Anyway, our first toilet in the hotel wasn’t inspiring confidence so we asked for another room. A pair of bellhops sporting red hats and ill-fitting gold-buttoned coats smiled and snickered as the two towering foreigners flushed toilets in several rooms before expressing satisfaction with what they were seeing.
Small wonder that, afterward, we were perfectly happy to vegetate and spend the rest of the evening listening to Maria sing about raindrops on roses and whiskers on kittens.
So much for the first night.
Which brings us to night number two and the promise of real adventure. We spent the afternoon walking around the city and making our way toward a jazz bar a friend in Hong Kong had steered us to.
We stopped along the way to eat at a street stall. Sadly for me, I found a bug in my meal. Goodbye, noodles. Marcy, undaunted, polished hers off. A small but telling sign of the differences in our idea of a good time, I suppose.
When we finally arrived at the club, a trio of musicians were playing Louis Armstrong tunes. I was hungry after the noodle fiasco, so we ordered drinks and dumplings. The drinks arrived quickly and so did Jimmy and Napoleon.
Like everyone else, they couldn’t tear their eyes from Marcy. We struck up a conversation, and gradually a crowd settled in at our table. As the evening grew long, the room became increasingly mesmerizing. Beautiful women in spaghetti straps. Beautiful men with flawlessly tousled hair. Dubious characters and their posses.
Around midnight the bar closed. Back to the hotel! I thought to myself.
But no. Instead, there we were, standing beside a weird limo with lacy curtains, with a 25-year-old guy in a leather hat rolling his eyes at my indecision.
A moment of awkward silence passed. The midnight air was so foggy and thick with pollution, you could barely see down the block. It gave the moment the feel of a 1940s movie where someone steps ominously from behind a lamppost.
I had made my decision.

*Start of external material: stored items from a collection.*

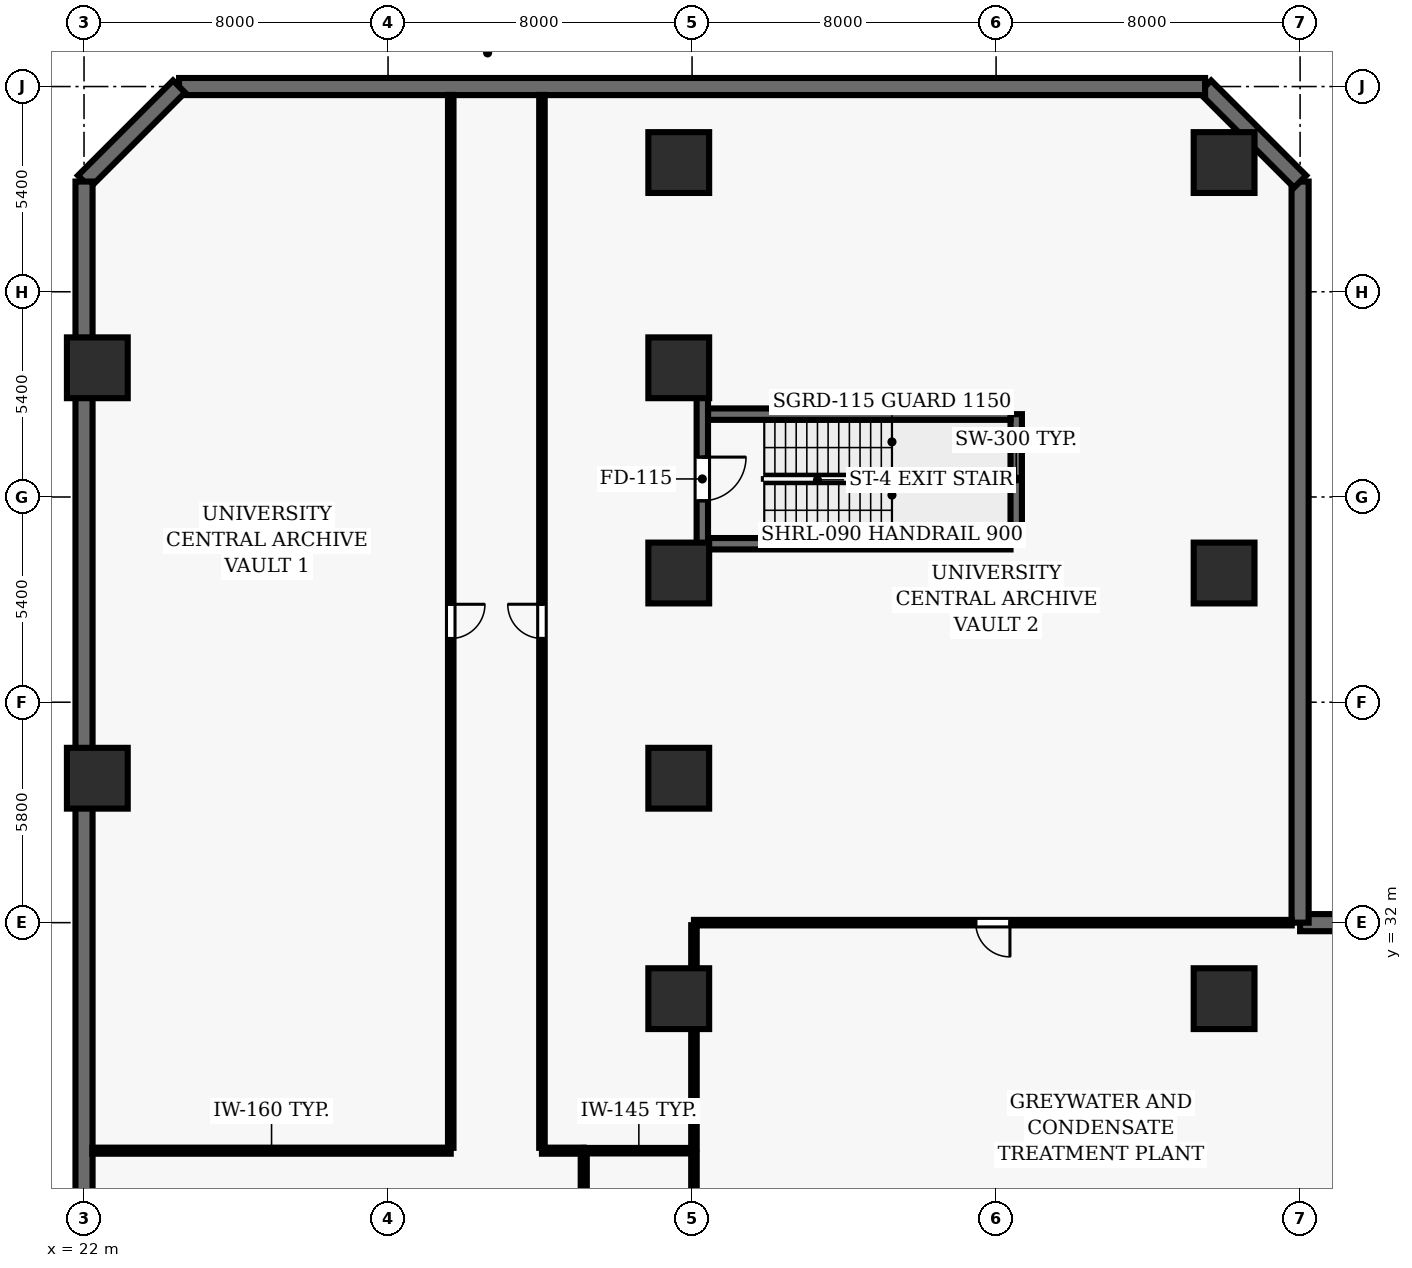
"""IFC4 building model, lengths in metres.
Left out: names, types, materials, properties, quantities, classifications, styles, units other than length and angle.
Written with IfcOpenShell. Run it as: python <this file> out.ifc"""

import sys

from ifc_helpers import new_model, si_unit, direction, frame, frame_2d, origin, origin_2d, place, context, subcontext, project, spatial, rectangle, extrude, element, fill, save


model = new_model("IFC4")
c1 = context("Model", 3, precision=1e-05, world=origin(), true_north=direction((0.0, 1.0)))
c2 = subcontext(c1, "Body", "Model", "MODEL_VIEW")
j1 = project(units=[si_unit("LENGTHUNIT", "METRE"), si_unit("PLANEANGLEUNIT", "RADIAN")], contexts=[c1])
p1 = place(None, origin())
s1 = spatial("IfcSite", under=j1, at=p1, CompositionType="ELEMENT")
p2 = place(p1, origin())
s2 = spatial("IfcBuilding", under=s1, at=p2, CompositionType="ELEMENT")
p3 = place(p2, frame((0.0, 0.0, -9.0)))
s3 = spatial("IfcBuildingStorey", under=s2, at=p3, CompositionType="ELEMENT", Elevation=-9.0)
for number, where, z_axis, x_axis in (
    (1, (37.65, 30.0, 0.0), (0.0, 0.0, 1.0), (1.0, 0.0, 0.0)),
    (2, (22.35, 35.8, 0.0), (0.0, 0.0, 1.0), (1.0, 0.0, 0.0)),
    (3, (37.65, 35.8, 0.0), (0.0, 0.0, 1.0), (1.0, 0.0, 0.0)),
    (4, (37.65, 41.2, 0.0), (0.0, 0.0, 1.0), (1.0, 0.0, 0.0)),
    (5, (22.35, 46.6, 0.0), (0.0, 0.0, 1.0), (1.0, 0.0, 0.0)),
    (6, (37.65, 46.6, 0.0), (0.0, 0.0, 1.0), (1.0, 0.0, 0.0)),
    (7, (37.65, 52.0, 0.0), (0.0, 0.0, 1.0), (1.0, 0.0, 0.0)),
    (8, (52.0, 30.0, 0.0), (0.0, 0.0, 1.0), (1.0, 0.0, 0.0)),
    (9, (52.0, 41.2, 0.0), (0.0, 0.0, 1.0), (1.0, 0.0, 0.0)),
    (10, (52.0, 52.0, 0.0), (0.0, 0.0, 1.0), (1.0, 0.0, 0.0)),
):
    element("IfcColumn", number, at=place(p3, frame(where, z_axis=z_axis, x_axis=x_axis)), inside=s3, PredefinedType="COLUMN", context=c2, shape_type="SweptSolid", body=[
        extrude(rectangle(XDim=1.6, YDim=1.6, at=origin_2d()), origin(), (0.0, 0.0, 1.0), 4.5),
    ])
for number, where, z_axis, x_axis in (
    (11, (73.5, 32.0, 0.0), (0.0, 0.0, 1.0), (-1.0, 0.0, 0.0)),
    (12, (54.0, 32.0, 0.0), (0.0, 0.0, 1.0), (0.0, 1.0, 0.0)),
):
    element("IfcWall", number, at=place(p3, frame(where, z_axis=z_axis, x_axis=x_axis)), inside=s3, PredefinedType="USERDEFINED", context=c2, shape_type="SweptSolid", body=[
        extrude(rectangle(XDim=19.5, YDim=0.45, at=frame_2d((9.75, 0.0))), origin(), (0.0, 0.0, 1.0), 4.22),
    ])
p4 = place(p3, frame((54.0, 51.5, 0.0), z_axis=(0.0, 0.0, 1.0), x_axis=(-0.707106781187, 0.707106781187, 0.0)))
e13 = element("IfcWall", 13, at=p4, inside=s3, PredefinedType="USERDEFINED", context=c2, shape_type="SweptSolid", body=[
    extrude(rectangle(XDim=3.536, YDim=0.45, at=frame_2d((1.768, 0.0))), origin(), (0.0, 0.0, 1.0), 4.22),
])
p5 = place(p3, frame((51.5, 54.0, 0.0), z_axis=(0.0, 0.0, 1.0), x_axis=(-1.0, 0.0, 0.0)))
e14 = element("IfcWall", 14, at=p5, inside=s3, PredefinedType="USERDEFINED", context=c2, shape_type="SweptSolid", body=[
    extrude(rectangle(XDim=27.0, YDim=0.45, at=frame_2d((13.5, 0.0))), origin(), (0.0, 0.0, 1.0), 4.22),
])
p6 = place(p3, frame((24.5, 54.0, 0.0), z_axis=(0.0, 0.0, 1.0), x_axis=(-0.707106781187, -0.707106781187, 0.0)))
e15 = element("IfcWall", 15, at=p6, inside=s3, PredefinedType="USERDEFINED", context=c2, shape_type="SweptSolid", body=[
    extrude(rectangle(XDim=3.536, YDim=0.45, at=frame_2d((1.768, 0.0))), origin(), (0.0, 0.0, 1.0), 4.22),
])
p7 = place(p3, frame((22.0, 51.5, 0.0), z_axis=(0.0, 0.0, 1.0), x_axis=(0.0, -1.0, 0.0)))
e16 = element("IfcWall", 16, at=p7, inside=s3, PredefinedType="USERDEFINED", context=c2, shape_type="SweptSolid", body=[
    extrude(rectangle(XDim=49.0, YDim=0.45, at=frame_2d((24.5, 0.0))), origin(), (0.0, 0.0, 1.0), 4.22),
])
p8 = place(p3, frame((38.42, 41.97, 0.0), z_axis=(0.0, 0.0, 1.0), x_axis=(1.0, 0.0, 0.0)))
e17 = element("IfcWall", 17, at=p8, inside=s3, PredefinedType="SHEAR", context=c2, shape_type="SweptSolid", body=[
    extrude(rectangle(XDim=7.96, YDim=0.3, at=frame_2d((3.98, 0.0))), origin(), (0.0, 0.0, 1.0), 4.22),
])
p9 = place(p3, frame((46.53, 41.97, 0.0), z_axis=(0.0, 0.0, 1.0), x_axis=(0.0, 1.0, 0.0)))
e18 = element("IfcWall", 18, at=p9, inside=s3, PredefinedType="SHEAR", context=c2, shape_type="SweptSolid", body=[
    extrude(rectangle(XDim=3.41, YDim=0.3, at=frame_2d((1.705, 0.0))), origin(), (0.0, 0.0, 1.0), 4.22),
])
p10 = place(p3, frame((46.38, 45.38, 0.0), z_axis=(0.0, 0.0, 1.0), x_axis=(-1.0, 0.0, 0.0)))
e19 = element("IfcWall", 19, at=p10, inside=s3, PredefinedType="SHEAR", context=c2, shape_type="SweptSolid", body=[
    extrude(rectangle(XDim=7.96, YDim=0.3, at=frame_2d((3.98, 0.0))), origin(), (0.0, 0.0, 1.0), 4.22),
])
p11 = place(p3, frame((38.27, 45.92, 0.0), z_axis=(0.0, 0.0, 1.0), x_axis=(0.0, -1.0, 0.0)))
e20 = element("IfcWall", 20, at=p11, inside=s3, PredefinedType="SHEAR", context=c2, shape_type="SweptSolid", body=[
    extrude(rectangle(XDim=3.95, YDim=0.3, at=frame_2d((1.975, 0.0))), origin(), (0.0, 0.0, 1.0), 4.22),
])
p12 = place(p11, frame((1.67, 0.0, 0.0)))
e21 = element("IfcOpeningElement", 21, at=p12, cuts=e20, PredefinedType="OPENING", context=c2, shape_type="SweptSolid", body=[
    extrude(rectangle(XDim=1.15, YDim=2.15, at=frame_2d((0.575, 1.075))), frame((0.0, 0.16, 0.0), z_axis=(0.0, -1.0, 0.0), x_axis=(1.0, 0.0, 0.0)), (0.0, 0.0, 1.0), 0.32),
])
p13 = place(p3, frame((31.65, 26.0, 0.0), z_axis=(0.0, 0.0, 1.0), x_axis=(-1.0, 0.0, 0.0)))
e22 = element("IfcWall", 22, at=p13, inside=s3, PredefinedType="PARTITIONING", context=c2, shape_type="SweptSolid", body=[
    extrude(rectangle(XDim=9.43, YDim=0.16, at=frame_2d((4.715, 0.0))), origin(), (0.0, 0.0, 1.0), 4.22),
])
p14 = place(p3, frame((35.15, 26.0, 0.0), z_axis=(0.0, 0.0, 1.0), x_axis=(-1.0, 0.0, 0.0)))
e23 = element("IfcWall", 23, at=p14, inside=s3, PredefinedType="PARTITIONING", context=c2, shape_type="SweptSolid", body=[
    extrude(rectangle(XDim=1.1, YDim=0.16, at=frame_2d((0.55, 0.0))), origin(), (0.0, 0.0, 1.0), 4.22),
])
p15 = place(p3, frame((35.15, 26.0, 0.0), z_axis=(0.0, 0.0, 1.0), x_axis=(1.0, 0.0, 0.0)))
e24 = element("IfcWall", 24, at=p15, inside=s3, PredefinedType="PARTITIONING", context=c2, shape_type="SweptSolid", body=[
    extrude(rectangle(XDim=2.9, YDim=0.145, at=frame_2d((1.45, 0.0))), origin(), (0.0, 0.0, 1.0), 4.22),
])
p16 = place(p3, frame((53.78, 32.0, 0.0), z_axis=(0.0, 0.0, 1.0), x_axis=(-1.0, 0.0, 0.0)))
e25 = element("IfcWall", 25, at=p16, inside=s3, PredefinedType="PARTITIONING", context=c2, shape_type="SweptSolid", body=[
    extrude(rectangle(XDim=15.73, YDim=0.145, at=frame_2d((7.865, 0.0))), origin(), (0.0, 0.0, 1.0), 4.22),
])
p17 = place(p16, frame((7.415, 0.0, 0.0)))
e26 = element("IfcOpeningElement", 26, at=p17, cuts=e25, PredefinedType="OPENING", context=c2, shape_type="SweptSolid", body=[
    extrude(rectangle(XDim=0.9, YDim=2.1, at=frame_2d((0.45, 1.05))), frame((0.0, 0.083, 0.0), z_axis=(0.0, -1.0, 0.0), x_axis=(1.0, 0.0, 0.0)), (0.0, 0.0, 1.0), 0.165),
])
p18 = place(p3, frame((31.65, 53.78, 0.0), z_axis=(0.0, 0.0, 1.0), x_axis=(0.0, -1.0, 0.0)))
e27 = element("IfcWall", 27, at=p18, inside=s3, PredefinedType="PARTITIONING", context=c2, shape_type="SweptSolid", body=[
    extrude(rectangle(XDim=27.705, YDim=0.145, at=frame_2d((13.853, 0.0))), origin(), (0.0, 0.0, 1.0), 4.22),
])
p19 = place(p18, frame((13.403, 0.0, 0.0)))
e28 = element("IfcOpeningElement", 28, at=p19, cuts=e27, PredefinedType="OPENING", context=c2, shape_type="SweptSolid", body=[
    extrude(rectangle(XDim=0.9, YDim=2.1, at=frame_2d((0.45, 1.05))), frame((0.0, 0.083, 0.0), z_axis=(0.0, -1.0, 0.0), x_axis=(1.0, 0.0, 0.0)), (0.0, 0.0, 1.0), 0.165),
])
p20 = place(p3, frame((34.05, 26.075, 0.0), z_axis=(0.0, 0.0, 1.0), x_axis=(0.0, 1.0, 0.0)))
e29 = element("IfcWall", 29, at=p20, inside=s3, PredefinedType="PARTITIONING", context=c2, shape_type="SweptSolid", body=[
    extrude(rectangle(XDim=27.705, YDim=0.145, at=frame_2d((13.853, 0.0))), origin(), (0.0, 0.0, 1.0), 4.22),
])
p21 = place(p20, frame((13.403, 0.0, 0.0)))
e30 = element("IfcOpeningElement", 30, at=p21, cuts=e29, PredefinedType="OPENING", context=c2, shape_type="SweptSolid", body=[
    extrude(rectangle(XDim=0.9, YDim=2.1, at=frame_2d((0.45, 1.05))), frame((0.0, 0.083, 0.0), z_axis=(0.0, -1.0, 0.0), x_axis=(1.0, 0.0, 0.0)), (0.0, 0.0, 1.0), 0.165),
])
p22 = place(p3, frame((35.15, 23.85, 0.0), z_axis=(0.0, 0.0, 1.0), x_axis=(0.0, 1.0, 0.0)))
e31 = element("IfcWall", 31, at=p22, inside=s3, PredefinedType="PARTITIONING", context=c2, shape_type="SweptSolid", body=[
    extrude(rectangle(XDim=2.075, YDim=0.16, at=frame_2d((1.038, 0.0))), origin(), (0.0, 0.0, 1.0), 4.22),
])
p23 = place(p3, frame((38.05, 25.933, 0.0), z_axis=(0.0, 0.0, 1.0), x_axis=(0.0, -1.0, 0.0)))
e32 = element("IfcWall", 32, at=p23, inside=s3, PredefinedType="PARTITIONING", context=c2, shape_type="SweptSolid", body=[
    extrude(rectangle(XDim=4.866, YDim=0.145, at=frame_2d((2.433, 0.0))), origin(), (0.0, 0.0, 1.0), 3.365),
])
p24 = place(p3, frame((38.05, 31.933, 0.0), z_axis=(0.0, 0.0, 1.0), x_axis=(0.0, -1.0, 0.0)))
e33 = element("IfcWall", 33, at=p24, inside=s3, PredefinedType="PARTITIONING", context=c2, shape_type="SweptSolid", body=[
    extrude(rectangle(XDim=5.866, YDim=0.145, at=frame_2d((2.933, 0.0))), origin(), (0.0, 0.0, 1.0), 3.365),
])
p25 = place(p12, origin())
e34 = element("IfcDoor", 34, at=p25, inside=s3, OperationType="SINGLE_SWING_LEFT", PredefinedType="DOOR", context=c2, shape_type="SweptSolid", body=[
    extrude(rectangle(XDim=1.15, YDim=2.15, at=frame_2d((0.575, 1.075))), frame((0.0, 0.025, 0.0), z_axis=(0.0, -1.0, 0.0), x_axis=(1.0, 0.0, 0.0)), (0.0, 0.0, 1.0), 0.05),
])
fill(e21, e34)
p26 = place(p19, origin())
e35 = element("IfcDoor", 35, at=p26, inside=s3, OperationType="SINGLE_SWING_LEFT", PredefinedType="DOOR", context=c2, shape_type="SweptSolid", body=[
    extrude(rectangle(XDim=0.9, YDim=2.1, at=frame_2d((0.45, 1.05))), frame((0.0, 0.025, 0.0), z_axis=(0.0, -1.0, 0.0), x_axis=(1.0, 0.0, 0.0)), (0.0, 0.0, 1.0), 0.05),
])
fill(e28, e35)
p27 = place(p21, origin())
e36 = element("IfcDoor", 36, at=p27, inside=s3, OperationType="SINGLE_SWING_RIGHT", PredefinedType="DOOR", context=c2, shape_type="SweptSolid", body=[
    extrude(rectangle(XDim=0.9, YDim=2.1, at=frame_2d((0.45, 1.05))), frame((0.0, 0.025, 0.0), z_axis=(0.0, -1.0, 0.0), x_axis=(1.0, 0.0, 0.0)), (0.0, 0.0, 1.0), 0.05),
])
fill(e30, e36)
p28 = place(p17, origin())
e37 = element("IfcDoor", 37, at=p28, inside=s3, OperationType="SINGLE_SWING_LEFT", PredefinedType="DOOR", context=c2, shape_type="SweptSolid", body=[
    extrude(rectangle(XDim=0.9, YDim=2.1, at=frame_2d((0.45, 1.05))), frame((0.0, 0.025, 0.0), z_axis=(0.0, -1.0, 0.0), x_axis=(1.0, 0.0, 0.0)), (0.0, 0.0, 1.0), 0.05),
])
fill(e26, e37)
save(model, sys.argv[1])

Taking a deep breath I was just about to tell Marcy, “No way am I getting into this hearse,” when Napoleon decided it was time to drop his go-to pickup line again. “Marcy, do you have a boyfriend?” he asked, trying to stand extra tall.
“I think we talked about that already,” Marcy said. Then she looked at me. “Now let's go!”
And with that, I figured, why not? And piled into the back seat.